Remaining lines contain element, x, y, z.
- class diffpy.structure.parsers.p_xyz.P_xyz[source]
Bases:
StructureParser
Parser for standard XYZ structure format.
- format
Format name, default “xyz”.
- Type:
str
- parseLines(lines)[source]
Parse list of lines in XYZ format.
- Parameters:
lines (list of str) – List of lines in XYZ format.
- Returns:
Parsed structure instance.
- Return type:
- Raises:
StructureFormatError – Invalid XYZ format.
diffpy.structure.parsers.parser_index_mod module
Index of recognized structure formats, their IO capabilities and associated modules where they are defined.
- diffpy.structure.parsers.parser_index_mod.parser_index
Dictionary of recognized structure formats. The keys are format names and the values are dictionaries with the following keys:
- modulestr
Name of the module that defines the parser class.
- file_extensionstr
File extension for the format, including the leading dot.
- file_patternstr
File pattern for the format, using ‘|’ as separator for multiple patterns.
- has_inputbool
True
if the parser can read the format.- has_outputbool
True
if the parser can write the format.
- Type:
dict
Note
Plugins for new structure formats need to be added to the parser_index dictionary in this module.
diffpy.structure.parsers.structureparser module
Definition of StructureParser, a base class for specific parsers.
- class diffpy.structure.parsers.structureparser.StructureParser[source]
Bases:
object
Base class for all structure parsers.
- format
Format name of particular parser.
- Type:
str
- filename
Path to structure file that is read or written.
- Type:
str
- parseLines(lines)[source]
Create Structure instance from a list of lines.
Return Structure object or raise StructureFormatError exception.
Note
This method has to be overloaded in derived class.
Module contents
Conversion plugins for various structure formats.
The recognized structure formats are defined by subclassing StructureParser, by convention these classes are named P_<format>.py. The parser classes should to override the parseLines() and toLines() methods of StructureParser. Any structure parser needs to be registered in parser_index module.

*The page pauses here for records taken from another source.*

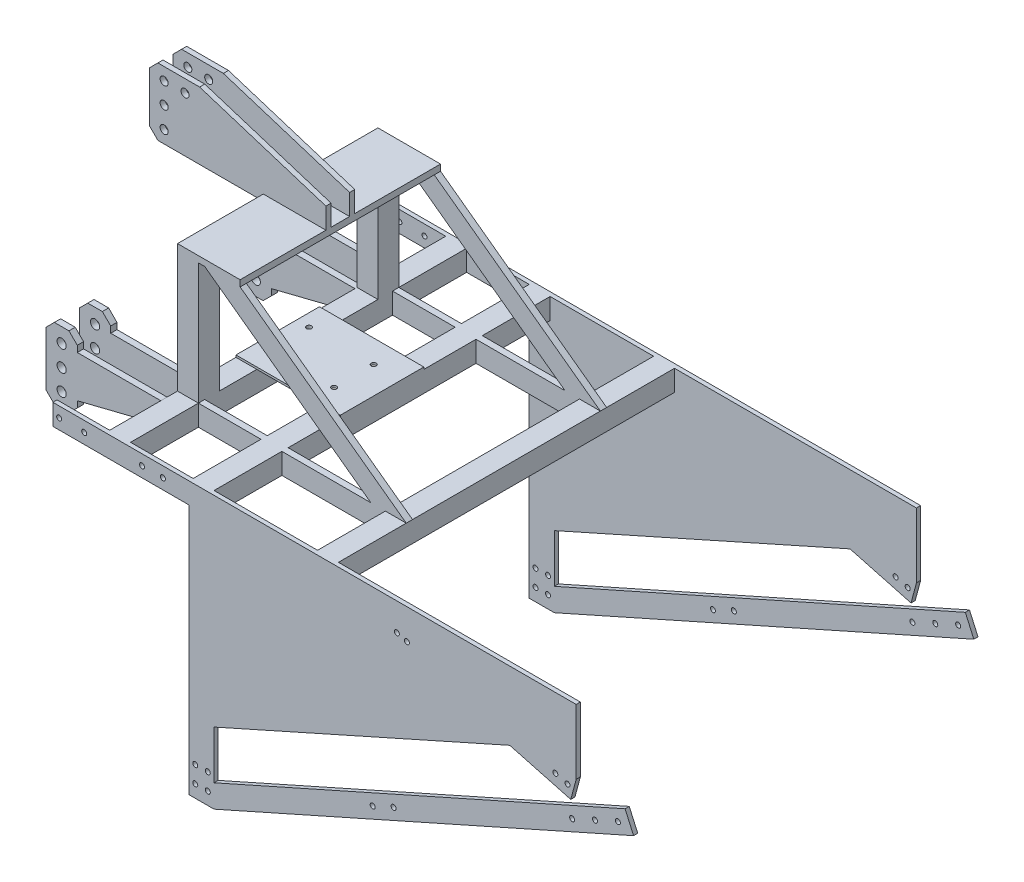
from build123d import *
from build123d.topology import SkipClean

# Parameters (mm, degrees)
SKETCH_1_W           = 50
SKETCH_1_H           = 50
SKETCH_1_W_2         = 40
SKETCH_1_H_2         = 40
EXTRUDE_1_DEPTH      = 402.5
SKETCH_2_R           = 6
EXTRUDE_2_DEPTH      = 10
SKETCH_3_W           = 50
SKETCH_3_H           = 50
SKETCH_3_W_2         = 40
SKETCH_3_H_2         = 40
EXTRUDE_3_DEPTH      = 805
EXTRUDE_START        = 10
SKETCH_4_R           = 6
EXTRUDE_4_DEPTH      = 10
SKETCH_5_R           = 11
EXTRUDE_5_DEPTH      = 47.5
SKETCH_7_R           = 11
EXTRUDE_6_DEPTH      = 47.5
SKETCH_10_W          = 350.5429373
SKETCH_10_H          = 65
CUT_EXTRUDE_6_DEPTH  = 1113.707453763
SKETCH_11_W          = 50
SKETCH_11_H          = 50
SKETCH_11_W_2        = 40
SKETCH_11_H_2        = 40
EXTRUDE_7_DEPTH      = 805
SKETCH_12_W          = 315.627196555
SKETCH_12_H          = 65
CUT_EXTRUDE_7_DEPTH  = 1113.707453763
SKETCH_13_W          = 447.894318558
SKETCH_13_H          = 50
EXTRUDE_8_DEPTH      = 7.5
SKETCH_14_W          = 447.894318558
SKETCH_14_H          = 50
EXTRUDE_9_DEPTH      = 7.5
SKETCH_15_R          = 9.65
EXTRUDE_10_DEPTH     = 34.5
SKETCH_16_W          = 600.562812098
SKETCH_16_H          = 44.5
CUT_EXTRUDE_8_DEPTH  = 200
SKETCH_19_W          = 480
SKETCH_19_H          = 15
EXTRUDE_11_DEPTH     = 200
EXTRUDE_12_DEPTH     = 15
EXTRUDE_13_DEPTH     = 15
SKETCH_23_W          = 50
SKETCH_23_H          = 50
SKETCH_23_W_2        = 40
SKETCH_23_H_2        = 40
EXTRUDE_14_DEPTH     = 291
CUT_EXTRUDE_9_DEPTH  = 1177.572512708
SKETCH_25_R          = 6
EXTRUDE_15_DEPTH     = 5
SKETCH_26_R          = 6
CUT_EXTRUDE_10_DEPTH = 1095.466937673
EXTRUDE_START_2      = -10
SKETCH_27_R          = 6
EXTRUDE_16_DEPTH     = 10
SKETCH_29_R          = 6
EXTRUDE_17_DEPTH     = 10
SKETCH_30_R          = 6
EXTRUDE_18_DEPTH     = 10
SKETCH_31_R          = 6
EXTRUDE_19_DEPTH     = 10
EXTRUDE_21_DEPTH     = 10
EXTRUDE_23_DEPTH     = 10
EXTRUDE_26_DEPTH     = 10
EXTRUDE_28_DEPTH     = 10
EXTRUDE_29_DEPTH     = 10
EXTRUDE_30_DEPTH     = 10


with BuildPart() as part:
    # 草图1 → 凸台-拉伸1 (new, symmetric)
    with BuildSketch(Plane.XY):
        with Locations((25, 25)):
            Rectangle(SKETCH_1_W, SKETCH_1_H)
        with Locations((25, 25)):
            Rectangle(SKETCH_1_W_2, SKETCH_1_H_2, mode=Mode.SUBTRACT)
    extrude(amount=EXTRUDE_1_DEPTH, both=True)

    # 草图2 → 凸台-拉伸2 (add)
    with BuildSketch(Plane.XY.offset(402.5)):
        Polygon((-237.894318558, -601), (767.005684849, -153.589692617), (746.668852695, -107.912419734), (-237.894318558, -546.268186075), (-237.894318558, 0), (43.417375121, 0), (616.614543518, -153.587718376), (629.555495773, -105.291427062), (50, 50), (-250, 50), (-297.894318558, 50), (-497.894318558, 50), (-577.894318558, 50), (-623.894318558, 50), (-623.894318558, 0), (-577.894318558, 0), (-497.894318558, 0), (-297.894318558, 0), (-297.894318558, -601), align=None)
        with Locations((-282.894318558, -531)):
            Circle(SKETCH_2_R, mode=Mode.SUBTRACT)
        with Locations((-252.894318558, -531)):
            Circle(SKETCH_2_R, mode=Mode.SUBTRACT)
        with Locations((-282.894318558, -571)):
            Circle(SKETCH_2_R, mode=Mode.SUBTRACT)
        with Locations((-252.894318558, -571)):
            Circle(SKETCH_2_R, mode=Mode.SUBTRACT)
        with Locations((142.105681442, -404.44719262)):
            Circle(SKETCH_2_R, mode=Mode.SUBTRACT)
        with Locations((-267.894318558, -248)):
            Circle(SKETCH_2_R, mode=Mode.SUBTRACT)
        with Locations((-267.894318558, -284)):
            Circle(SKETCH_2_R, mode=Mode.SUBTRACT)
        with Locations((192.105681442, -382.185758355)):
            Circle(SKETCH_2_R, mode=Mode.SUBTRACT)
        with Locations((729.430905043, -142.953155468)):
            Circle(SKETCH_2_R, mode=Mode.SUBTRACT)
        with Locations((674.618177584, -167.357354052)):
            Circle(SKETCH_2_R, mode=Mode.SUBTRACT)
        with Locations((619.805450126, -191.761552637)):
            Circle(SKETCH_2_R, mode=Mode.SUBTRACT)
        with Locations((608.596132252, -125.557287042)):
            Circle(SKETCH_2_R, mode=Mode.SUBTRACT)
        with Locations((579.618357463, -117.792715689)):
            Circle(SKETCH_2_R, mode=Mode.SUBTRACT)
        with Locations((-608.894318558, 25)):
            Circle(SKETCH_2_R, mode=Mode.SUBTRACT)
        with Locations((-548.894318558, 25)):
            Circle(SKETCH_2_R, mode=Mode.SUBTRACT)
        with Locations((-360.394318558, 25)):
            Circle(SKETCH_2_R, mode=Mode.SUBTRACT)
        with Locations((-410.394318558, 25)):
            Circle(SKETCH_2_R, mode=Mode.SUBTRACT)
        with Locations((200, -16.074283375)):
            Circle(SKETCH_2_R, mode=Mode.SUBTRACT)
        with Locations((224.148145657, -22.544759502)):
            Circle(SKETCH_2_R, mode=Mode.SUBTRACT)
    extrude(amount=EXTRUDE_2_DEPTH)

    # 草图3 → 凸台-拉伸3 (add)
    with BuildSketch(Plane(origin=(0, 0, 402.5), x_dir=(-1, 0, 0), z_dir=(0, 0, -1))):
        with Locations((272.894318558, 25)):
            Rectangle(SKETCH_3_W, SKETCH_3_H)
        with Locations((272.894318558, 25)):
            Rectangle(SKETCH_3_W_2, SKETCH_3_H_2, mode=Mode.SUBTRACT)
    extrude(amount=EXTRUDE_3_DEPTH)

    # 草图4 → 凸台-拉伸4 (add)
    with BuildSketch(Plane(origin=(0, 0, -402.5), x_dir=(-1, 0, 0), z_dir=(0, 0, -1)).offset(EXTRUDE_START)):
        Polygon((-612.809780816, -100.804426262), (-50, 50), (297.894318558, 50), (497.894318558, 50), (577.894318558, 50), (623.894318558, 50), (623.894318558, 0), (577.894318558, 0), (497.894318558, 0), (297.894318558, 0), (297.894318558, -601), (237.894318558, -601), (-767.005684849, -153.589692617), (-746.668852695, -107.912419734), (237.894318558, -546.268186075), (237.894318558, 0), (-43.417375121, 0), (-616.614543518, -153.587718376), (-629.555495773, -105.291427062), align=None)
        with Locations(Location((267.894318558, -248, 0), (0, 0, 180))):
            Circle(SKETCH_4_R, mode=Mode.SUBTRACT)
        with Locations(Location((267.894318558, -284, 0), (0, 0, 180))):
            Circle(SKETCH_4_R, mode=Mode.SUBTRACT)
        with Locations(Location((252.894318558, -531, 0), (0, 0, 180))):
            Circle(SKETCH_4_R, mode=Mode.SUBTRACT)
        with Locations(Location((282.894318558, -531, 0), (0, 0, 180))):
            Circle(SKETCH_4_R, mode=Mode.SUBTRACT)
        with Locations(Location((282.894318558, -571, 0), (0, 0, 180))):
            Circle(SKETCH_4_R, mode=Mode.SUBTRACT)
        with Locations(Location((252.894318558, -571, 0), (0, 0, 180))):
            Circle(SKETCH_4_R, mode=Mode.SUBTRACT)
        with Locations(Location((-192.105681442, -382.185758355, 0), (0, 0, 180))):
            Circle(SKETCH_4_R, mode=Mode.SUBTRACT)
        with Locations(Location((-142.105681442, -404.44719262, 0), (0, 0, 180))):
            Circle(SKETCH_4_R, mode=Mode.SUBTRACT)
        with Locations(Location((-608.596132252, -125.557287042, 0), (0, 0, 180))):
            Circle(SKETCH_4_R, mode=Mode.SUBTRACT)
        with Locations(Location((-579.618357463, -117.792715689, 0), (0, 0, 180))):
            Circle(SKETCH_4_R, mode=Mode.SUBTRACT)
        with Locations(Location((-674.618177584, -167.357354052, 0), (0, 0, 180))):
            Circle(SKETCH_4_R, mode=Mode.SUBTRACT)
        with Locations(Location((-729.430905043, -142.953155468, 0), (0, 0, 180))):
            Circle(SKETCH_4_R, mode=Mode.SUBTRACT)
        with Locations(Location((-619.805450126, -191.761552637, 0), (0, 0, 180))):
            Circle(SKETCH_4_R, mode=Mode.SUBTRACT)
        with Locations(Location((608.894318558, 25, 0), (0, 0, 180))):
            Circle(SKETCH_4_R, mode=Mode.SUBTRACT)
        with Locations(Location((548.894318558, 25, 0), (0, 0, 180))):
            Circle(SKETCH_4_R, mode=Mode.SUBTRACT)
    extrude(amount=-EXTRUDE_4_DEPTH)



with BuildPart() as body_2:
    # 草图5 → 凸台-拉伸5 (new, symmetric)
    with BuildSketch(Plane.XY.offset(232.5)):
        Polygon((-497.894318558, 50), (-497.894318558, 0), (-697.894318558, -50), (-697.894318558, -65), (-717.894318558, -85), (-752.894318558, -85), (-772.894318558, -65), (-772.894318558, 65), (-752.894318558, 85), (-717.894318558, 85), (-697.894318558, 65), (-697.894318558, 50), align=None)
        with Locations((-735.394318558, 50)):
            Circle(SKETCH_5_R, mode=Mode.SUBTRACT)
        with Locations((-735.394318558, 0)):
            Circle(SKETCH_5_R, mode=Mode.SUBTRACT)
        with Locations((-735.394318558, -50)):
            Circle(SKETCH_5_R, mode=Mode.SUBTRACT)
    extrude(amount=EXTRUDE_5_DEPTH, both=True)

    # 草图12 → 切除-拉伸7 (cut, through all)
    with BuildSketch(Plane(origin=(0, 85, 0), x_dir=(1, 0, 0), z_dir=(0, 1, 0))):
        with Locations((-655.707916836, -232.5)):
            Rectangle(SKETCH_12_W, SKETCH_12_H)
    extrude(amount=-CUT_EXTRUDE_7_DEPTH, mode=Mode.SUBTRACT)


with BuildPart() as body_3:
    # 草图7 → 凸台-拉伸6 (new, symmetric)
    with BuildSketch(Plane.XY.offset(-232.5)):
        Polygon((-772.894318558, 65), (-772.894318558, -65), (-752.894318558, -85), (-717.894318558, -85), (-697.894318558, -65), (-697.894318558, -50), (-497.894318558, 0), (-497.894318558, 50), (-697.894318558, 50), (-697.894318558, 65), (-717.894318558, 85), (-752.894318558, 85), align=None)
        with Locations((-735.394318558, 50)):
            Circle(SKETCH_7_R, mode=Mode.SUBTRACT)
        with Locations((-735.394318558, 0)):
            Circle(SKETCH_7_R, mode=Mode.SUBTRACT)
        with Locations((-735.394318558, -50)):
            Circle(SKETCH_7_R, mode=Mode.SUBTRACT)
    extrude(amount=EXTRUDE_6_DEPTH, both=True)

    # 草图10 → 切除-拉伸6 (cut, through all)
    with BuildSketch(Plane(origin=(0, 85, 0), x_dir=(1, 0, 0), z_dir=(0, 1, 0))):
        with Locations((-629.704561359, 232.5)):
            Rectangle(SKETCH_10_W, SKETCH_10_H)
    extrude(amount=-CUT_EXTRUDE_6_DEPTH, mode=Mode.SUBTRACT)


with BuildPart() as cut_extrude_6_piece_1:
    # of the separate pieces the step leaves, piece 1, a body of its own (cut_extrude_6_pieces)
    add(body_3.part.solids().sort_by_distance((-772.894318558, 65, -265))[0])


with BuildPart() as cut_extrude_6_piece_2:
    # of the separate pieces the step leaves, piece 2, a body of its own (cut_extrude_6_pieces)
    add(body_3.part.solids().sort_by_distance((-772.894318558, 65, -185))[0])


with BuildPart() as part_1:
    add(part.part)

    add(cut_extrude_6_piece_1.part)  # 凸台-拉伸7 merges 切除-拉伸6 piece 1

    add(cut_extrude_6_piece_2.part)  # 凸台-拉伸7 merges 切除-拉伸6 piece 2
    # 草图11 → 凸台-拉伸7 (add)
    with BuildSketch(Plane.XY.offset(-402.5)):
        with Locations((-472.894318558, 25)):
            Rectangle(SKETCH_11_W, SKETCH_11_H)
        with Locations((-472.894318558, 25.387152579)):
            Rectangle(SKETCH_11_W_2, SKETCH_11_H_2, mode=Mode.SUBTRACT)
    extrude(amount=EXTRUDE_7_DEPTH)

    # 草图13 → 凸台-拉伸8 (add, symmetric)
    with BuildSketch(Plane.XY.offset(232.5)):
        with Locations((-223.947159279, 25)):
            Rectangle(SKETCH_13_W, SKETCH_13_H)
    extrude(amount=EXTRUDE_8_DEPTH, both=True)

    # 草图14 → 凸台-拉伸9 (add, symmetric)
    with BuildSketch(Plane.XY.offset(-232.5)):
        with Locations((-223.947159279, 25)):
            Rectangle(SKETCH_14_W, SKETCH_14_H)
    extrude(amount=EXTRUDE_9_DEPTH, both=True)



with BuildPart() as cut_extrude_7_piece_1:
    # of the separate pieces the step leaves, piece 1, a body of its own (cut_extrude_7_pieces)
    add(body_2.part.solids().sort_by_distance((-497.894318558, 50, 185))[0])


with BuildPart() as cut_extrude_7_piece_2:
    # of the separate pieces the step leaves, piece 2, a body of its own (cut_extrude_7_pieces)
    add(body_2.part.solids().sort_by_distance((-497.894318558, 50, 265))[0])


with BuildPart() as body_4:
    # 草图15 → 凸台-拉伸10 (new, symmetric)
    with BuildSketch(Plane.XY):
        Polygon((-670.394318558, 341), (-297.894318558, 341), (-297.894318558, 404.924528302), (-645.394318558, 501.7), (-750.394318558, 501.7), (-770.394318558, 481.7), (-770.394318558, 371), (-770.394318558, 361), (-750.394318558, 341), align=None)
        with Locations((-735.394318558, 471.7)):
            Circle(SKETCH_15_R, mode=Mode.SUBTRACT)
        with Locations((-735.394318558, 371)):
            Circle(SKETCH_15_R, mode=Mode.SUBTRACT)
        with Locations((-735.394318558, 421.7)):
            Circle(SKETCH_15_R, mode=Mode.SUBTRACT)
        with Locations((-685.394318558, 471.7)):
            Circle(SKETCH_15_R, mode=Mode.SUBTRACT)
    extrude(amount=EXTRUDE_10_DEPTH, both=True)

    # 草图16 → 切除-拉伸8 (cut)
    with BuildSketch(Plane(origin=(0, 501.7, 0), x_dir=(1, 0, 0), z_dir=(0, 1, 0))):
        with Locations((-521.376665995, 0)):
            Rectangle(SKETCH_16_W, SKETCH_16_H)
    extrude(amount=-CUT_EXTRUDE_8_DEPTH, mode=Mode.SUBTRACT)


with BuildPart() as cut_extrude_8_piece_1:
    # of the separate pieces the step leaves, piece 1, a body of its own (cut_extrude_8_pieces)
    add(body_4.part.solids().sort_by_distance((-750.394318558, 341, 22.25))[0])



with BuildPart() as cut_extrude_8_piece_2:
    # of the separate pieces the step leaves, piece 2, a body of its own (cut_extrude_8_pieces)
    add(body_4.part.solids().sort_by_distance((-750.394318558, 341, -34.5))[0])


with BuildPart() as cut_extrude_8_piece_1_1:
    add(cut_extrude_8_piece_1.part)

    add(cut_extrude_8_piece_2.part)  # 凸台-拉伸11 merges 切除-拉伸8 piece 2
    # 草图19 → 凸台-拉伸11 (add)
    with BuildSketch(Plane.ZY.offset(497.894318558)):
        with Locations((0, 348.5)):
            Rectangle(SKETCH_19_W, SKETCH_19_H)
    extrude(amount=-EXTRUDE_11_DEPTH)

    # 草图20 → 凸台-拉伸12 (add)
    with BuildSketch(Plane.XY.offset(240)):
        Polygon((-347.894318558, 341), (50, 50), (-34.699519451, 50), (-432.593838009, 341), align=None)
    extrude(amount=-EXTRUDE_12_DEPTH)

    # 草图21 → 凸台-拉伸13 (add)
    with BuildSketch(Plane.XY.offset(-225)):
        Polygon((50, 50), (-347.894318558, 341), (-432.593838009, 341), (-34.699519451, 50), align=None)
    extrude(amount=-EXTRUDE_13_DEPTH)


with BuildPart() as part_2:
    add(part_1.part)

    add(cut_extrude_7_piece_1.part)  # 凸台-拉伸14 merges 切除-拉伸7 piece 1

    add(cut_extrude_8_piece_1_1.part)  # 凸台-拉伸14 merges 切除-拉伸8 piece 1
    # 草图23 → 凸台-拉伸14 (add)
    # profile 1 of 2: a face of its own
    with BuildSketch(Plane(origin=(0, 50, 0), x_dir=(1, 0, 0), z_dir=(0, 1, 0))):
        with Locations((-472.894318558, -215)):
            Rectangle(SKETCH_23_W, SKETCH_23_H)
        with Locations((-472.894318558, -215)):
            Rectangle(SKETCH_23_W_2, SKETCH_23_H_2, mode=Mode.SUBTRACT)
    # profile 2 of 2: a face of its own
    with BuildSketch(Plane(origin=(0, 50, 0), x_dir=(1, 0, 0), z_dir=(0, 1, 0))):
        with Locations((-472.894318558, 215)):
            Rectangle(SKETCH_23_W, SKETCH_23_H)
        with Locations((-472.894318558, 215)):
            Rectangle(SKETCH_23_W_2, SKETCH_23_H_2, mode=Mode.SUBTRACT)
    extrude(amount=EXTRUDE_14_DEPTH)

    # 草图24 → 切除-拉伸9 (cut, through all)
    with BuildSketch(Plane.XY.offset(240)):
        Polygon((-347.894318558, 341), (-347.894318558, 356), (-347.894318558, 406), (-650.394318558, 501.7), (-650.394318558, 527.436827737), (-259.970201777, 527.436827737), (-259.970201777, 501.7), (-259.970201777, 341), align=None)
    extrude(amount=-CUT_EXTRUDE_9_DEPTH, mode=Mode.SUBTRACT)

    # 草图25 → 凸台-拉伸15 (add)
    with BuildSketch(Plane(origin=(0, 50, 0), x_dir=(1, 0, 0), z_dir=(0, 1, 0))):
        Polygon((-447.894318558, 100), (-247.894318558, 100), (-247.894318558, -100), (-454.686495764, -100), (-497.894318558, -100), (-497.894318558, 100), align=None)
        with Locations(Location((-467.894318558, 45, 0), (0, 0, 180))):
            Circle(SKETCH_25_R, mode=Mode.SUBTRACT)
        with Locations(Location((-312.894318558, 45, 0), (0, 0, 180))):
            Circle(SKETCH_25_R, mode=Mode.SUBTRACT)
        with Locations(Location((-312.894318558, -50, 0), (0, 0, 180))):
            Circle(SKETCH_25_R, mode=Mode.SUBTRACT)
        with Locations(Location((-467.894318558, -50, 0), (0, 0, 180))):
            Circle(SKETCH_25_R, mode=Mode.SUBTRACT)
    extrude(amount=EXTRUDE_15_DEPTH)

    # 草图26 → 切除-拉伸10 (cut, through all)
    with SkipClean():  # the faces are left unmerged after this step: merging them gives an invalid solid
        with BuildSketch(Plane(origin=(0, 55, 0), x_dir=(1, 0, 0), z_dir=(0, 1, 0))):
            with Locations((-467.894318558, -50)):
                Circle(SKETCH_26_R)
            with Locations((-467.894318558, 45)):
                Circle(SKETCH_26_R)
        extrude(amount=-CUT_EXTRUDE_10_DEPTH, mode=Mode.SUBTRACT)

    # 草图27 → 凸台-拉伸16 (add)
    with SkipClean():  # the faces are left unmerged after this step: merging them gives an invalid solid
        with BuildSketch(Plane.XY.offset(412.5).offset(EXTRUDE_START_2)):
            with Locations(Location((-267.894318558, -248, 0), (0, 0, 180))):
                Circle(SKETCH_27_R)
        extrude(amount=EXTRUDE_16_DEPTH)

    # 草图29 → 凸台-拉伸17 (add)
    with SkipClean():  # the faces are left unmerged after this step: merging them gives an invalid solid
        with BuildSketch(Plane.XY.offset(412.5).offset(EXTRUDE_START_2)):
            with Locations(Location((-267.894318558, -284, 0), (0, 0, 180))):
                Circle(SKETCH_29_R)
        extrude(amount=EXTRUDE_17_DEPTH)

    # 草图30 → 凸台-拉伸18 (add)
    with SkipClean():  # the faces are left unmerged after this step: merging them gives an invalid solid
        with BuildSketch(Plane(origin=(0, 0, -412.5), x_dir=(-1, 0, 0), z_dir=(0, 0, -1))):
            with Locations((267.894318558, -248)):
                Circle(SKETCH_30_R)
        extrude(amount=-EXTRUDE_18_DEPTH)

    # 草图31 → 凸台-拉伸19 (add)
    with SkipClean():  # the faces are left unmerged after this step: merging them gives an invalid solid
        with BuildSketch(Plane(origin=(0, 0, -412.5), x_dir=(-1, 0, 0), z_dir=(0, 0, -1))):
            with Locations((267.894318558, -284)):
                Circle(SKETCH_31_R)
        extrude(amount=-EXTRUDE_19_DEPTH)

    # 草图32 → 凸台-拉伸21 (add)
    with SkipClean():  # the faces are left unmerged after this step: merging them gives an invalid solid
        with BuildSketch(Plane.XY.offset(412.5)):
            Polygon((-237.894318558, 0), (-237.894318558, -400.6751023), (429.614248803, -103.481140422), (43.417375121, 0), align=None)
        extrude(amount=-EXTRUDE_21_DEPTH)

    # 草图33 → 凸台-拉伸23 (add)
    with SkipClean():  # the faces are left unmerged after this step: merging them gives an invalid solid
        with BuildSketch(Plane(origin=(0, 0, -412.5), x_dir=(-1, 0, 0), z_dir=(0, 0, -1))):
            Polygon((237.894318558, 0), (237.894318558, -400.6751023), (-429.614248803, -103.481140422), (-50, 0), align=None)
        extrude(amount=-EXTRUDE_23_DEPTH)

    # 草图34 → 凸台-拉伸26 (add)
    with SkipClean():  # the faces are left unmerged after this step: merging them gives an invalid solid
        with BuildSketch(Plane.XY.offset(412.5)):
            Polygon((50, 50), (629.555495773, -105.291427062), (629.555495773, 50), align=None)
        extrude(amount=-EXTRUDE_26_DEPTH)

    # 草图35 → 凸台-拉伸28 (add)
    with SkipClean():  # the faces are left unmerged after this step: merging them gives an invalid solid
        with BuildSketch(Plane(origin=(0, 0, -412.5), x_dir=(-1, 0, 0), z_dir=(0, 0, -1))):
            Polygon((-629.555495773, -105.291427062), (-629.555495773, 50), (-50, 50), align=None)
        extrude(amount=-EXTRUDE_28_DEPTH)

    # 草图36 → 凸台-拉伸29 (add)
    with SkipClean():  # the faces are left unmerged after this step: merging them gives an invalid solid
        with BuildSketch(Plane.XY.offset(412.5)):
            Polygon((-237.894318558, -400.6751023), (-237.894318558, -430.6751023), (470.46066832, -114.425905546), (429.614248803, -103.481140422), align=None)
        extrude(amount=-EXTRUDE_29_DEPTH)

    # 草图37 → 凸台-拉伸30 (add)
    with SkipClean():  # the faces are left unmerged after this step: merging them gives an invalid solid
        with BuildSketch(Plane(origin=(0, 0, -412.5), x_dir=(-1, 0, 0), z_dir=(0, 0, -1))):
            Polygon((237.894318558, -400.6751023), (237.894318558, -430.6751023), (-470.46066832, -114.425905546), (-429.614248803, -103.481140422), align=None)
        extrude(amount=-EXTRUDE_30_DEPTH)


solid = Compound([cut_extrude_7_piece_2.part, part_2.part])

For normal usage it should be sufficient to use the routines provided in this module.
- Content:
StructureParser: base class for a concrete Parser
parser_index: dictionary of known structure formats
getParser: factory for Parser at given format
inputFormats: list of available input formats
outputFormats: list of available output formats
- diffpy.structure.parsers.getParser(format, **kw)[source]
Return Parser instance for a given structure format.
- Parameters:
format (str) – String with the format name, see parser_index_mod.
**kw (dict) – Keyword arguments passed to the Parser init function.
- Returns:
Parser instance for the given format.
- Return type:
Parser
- Raises:
StructureFormatError – When the format is not defined.